Phase correlation is one of the classic methods for sparse motion or displacement estimation. It is renowned in the literature for high precision and insensitivity against illumination variations. We propose several important enhancements to the phase correlation (PhC) method which render it more robust against those situations where a motion measurement is not possible (low structure, too much noise, too different image content in the corresponding measurement windows). This allows the method to perform self-diagnosis in adverse situations.

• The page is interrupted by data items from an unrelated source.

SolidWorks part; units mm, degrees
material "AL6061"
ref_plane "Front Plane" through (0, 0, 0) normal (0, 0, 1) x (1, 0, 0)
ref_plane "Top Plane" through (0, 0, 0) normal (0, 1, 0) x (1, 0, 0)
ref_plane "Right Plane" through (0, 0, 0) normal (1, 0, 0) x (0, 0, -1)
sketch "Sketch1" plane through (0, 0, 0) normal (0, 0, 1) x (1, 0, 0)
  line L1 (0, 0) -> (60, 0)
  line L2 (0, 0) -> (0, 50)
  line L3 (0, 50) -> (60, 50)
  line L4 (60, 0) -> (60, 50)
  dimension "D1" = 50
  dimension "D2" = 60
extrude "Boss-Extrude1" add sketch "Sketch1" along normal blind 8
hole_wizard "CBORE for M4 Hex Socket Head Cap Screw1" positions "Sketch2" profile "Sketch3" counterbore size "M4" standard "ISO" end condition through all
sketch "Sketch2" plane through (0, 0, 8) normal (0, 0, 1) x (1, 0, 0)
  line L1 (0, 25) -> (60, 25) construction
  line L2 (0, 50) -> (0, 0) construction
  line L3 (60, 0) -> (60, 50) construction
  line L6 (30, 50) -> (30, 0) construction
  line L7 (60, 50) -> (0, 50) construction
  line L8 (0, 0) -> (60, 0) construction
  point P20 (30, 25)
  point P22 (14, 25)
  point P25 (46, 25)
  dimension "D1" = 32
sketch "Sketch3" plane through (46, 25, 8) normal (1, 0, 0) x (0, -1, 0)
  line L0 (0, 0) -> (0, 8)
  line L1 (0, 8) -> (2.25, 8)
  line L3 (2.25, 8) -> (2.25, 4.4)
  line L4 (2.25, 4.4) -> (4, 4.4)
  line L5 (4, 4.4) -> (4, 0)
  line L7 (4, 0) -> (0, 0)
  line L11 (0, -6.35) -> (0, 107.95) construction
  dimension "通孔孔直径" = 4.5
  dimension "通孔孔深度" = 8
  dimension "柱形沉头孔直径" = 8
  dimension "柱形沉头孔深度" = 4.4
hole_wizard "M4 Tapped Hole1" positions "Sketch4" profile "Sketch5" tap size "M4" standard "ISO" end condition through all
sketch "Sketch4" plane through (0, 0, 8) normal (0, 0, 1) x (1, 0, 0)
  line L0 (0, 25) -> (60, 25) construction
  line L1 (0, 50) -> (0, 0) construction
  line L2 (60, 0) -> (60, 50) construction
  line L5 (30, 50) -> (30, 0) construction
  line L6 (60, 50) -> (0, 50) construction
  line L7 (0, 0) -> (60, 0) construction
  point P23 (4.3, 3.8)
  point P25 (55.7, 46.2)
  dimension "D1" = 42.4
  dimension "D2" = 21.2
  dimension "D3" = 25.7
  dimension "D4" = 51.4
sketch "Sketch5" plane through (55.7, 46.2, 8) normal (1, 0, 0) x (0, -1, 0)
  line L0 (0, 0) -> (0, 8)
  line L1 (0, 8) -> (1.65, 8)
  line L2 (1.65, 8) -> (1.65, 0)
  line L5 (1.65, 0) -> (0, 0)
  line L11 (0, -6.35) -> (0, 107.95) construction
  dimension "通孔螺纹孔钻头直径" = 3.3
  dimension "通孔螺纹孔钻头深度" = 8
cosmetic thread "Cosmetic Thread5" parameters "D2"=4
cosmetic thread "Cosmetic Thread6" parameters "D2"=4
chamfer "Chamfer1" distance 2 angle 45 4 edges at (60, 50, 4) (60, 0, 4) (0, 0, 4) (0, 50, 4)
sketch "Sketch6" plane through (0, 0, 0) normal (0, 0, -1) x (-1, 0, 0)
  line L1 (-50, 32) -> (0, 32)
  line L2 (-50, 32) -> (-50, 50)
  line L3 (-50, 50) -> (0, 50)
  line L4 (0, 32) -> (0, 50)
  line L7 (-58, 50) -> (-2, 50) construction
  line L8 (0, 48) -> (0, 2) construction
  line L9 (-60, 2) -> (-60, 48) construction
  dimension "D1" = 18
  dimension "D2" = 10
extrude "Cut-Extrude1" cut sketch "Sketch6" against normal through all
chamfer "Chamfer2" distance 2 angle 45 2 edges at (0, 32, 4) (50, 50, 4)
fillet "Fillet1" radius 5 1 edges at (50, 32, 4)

Furthermore, we extend the PhC method by a robust scheme for detecting and classifying the presence of multiple motions and estimating their uncertainties. Experimental results on the Middlebury Stereo Dataset and on the KITTI Optical Flow Dataset show the potential offered by the enhanced method in contrast to the PhC implementation of OpenCV.

1 Introduction

Phase Correlation (PhC) is one of the four classical methods for local motion estimation, together with discrete matching (a.k.a. block matching), differential matching and spatio-temporal optical flow measurement (structure tensor). Although the fundamentals of PhC date back to the 1970s [2, 4, 5], the precise relations between the listed families of approaches have not been analyzed thoroughly in the literature so far. Depending on the characteristics of the data to be processed and to some degree also depending on the scientific community which is regarded (computer vision, geophysical data analysis, time delay estimation, ...), different families of methods are preferred for the task of estimating displacements or 2D motion. For instance, [6, 7] are early papers proposing the normalized cross correlation metric. How to optimize the metric is another issue. Discrete matching is opposed to differential approaches lead by the classic Lucas&Kanade approach [1].

Fig. 1.

Exemplary result of our enhanced PhC on data from the Middlebury Stereo Dataset. Three different motions (depths) are present in the marked cell (brush, bust and background), causing 3 distinct peaks in the delta array.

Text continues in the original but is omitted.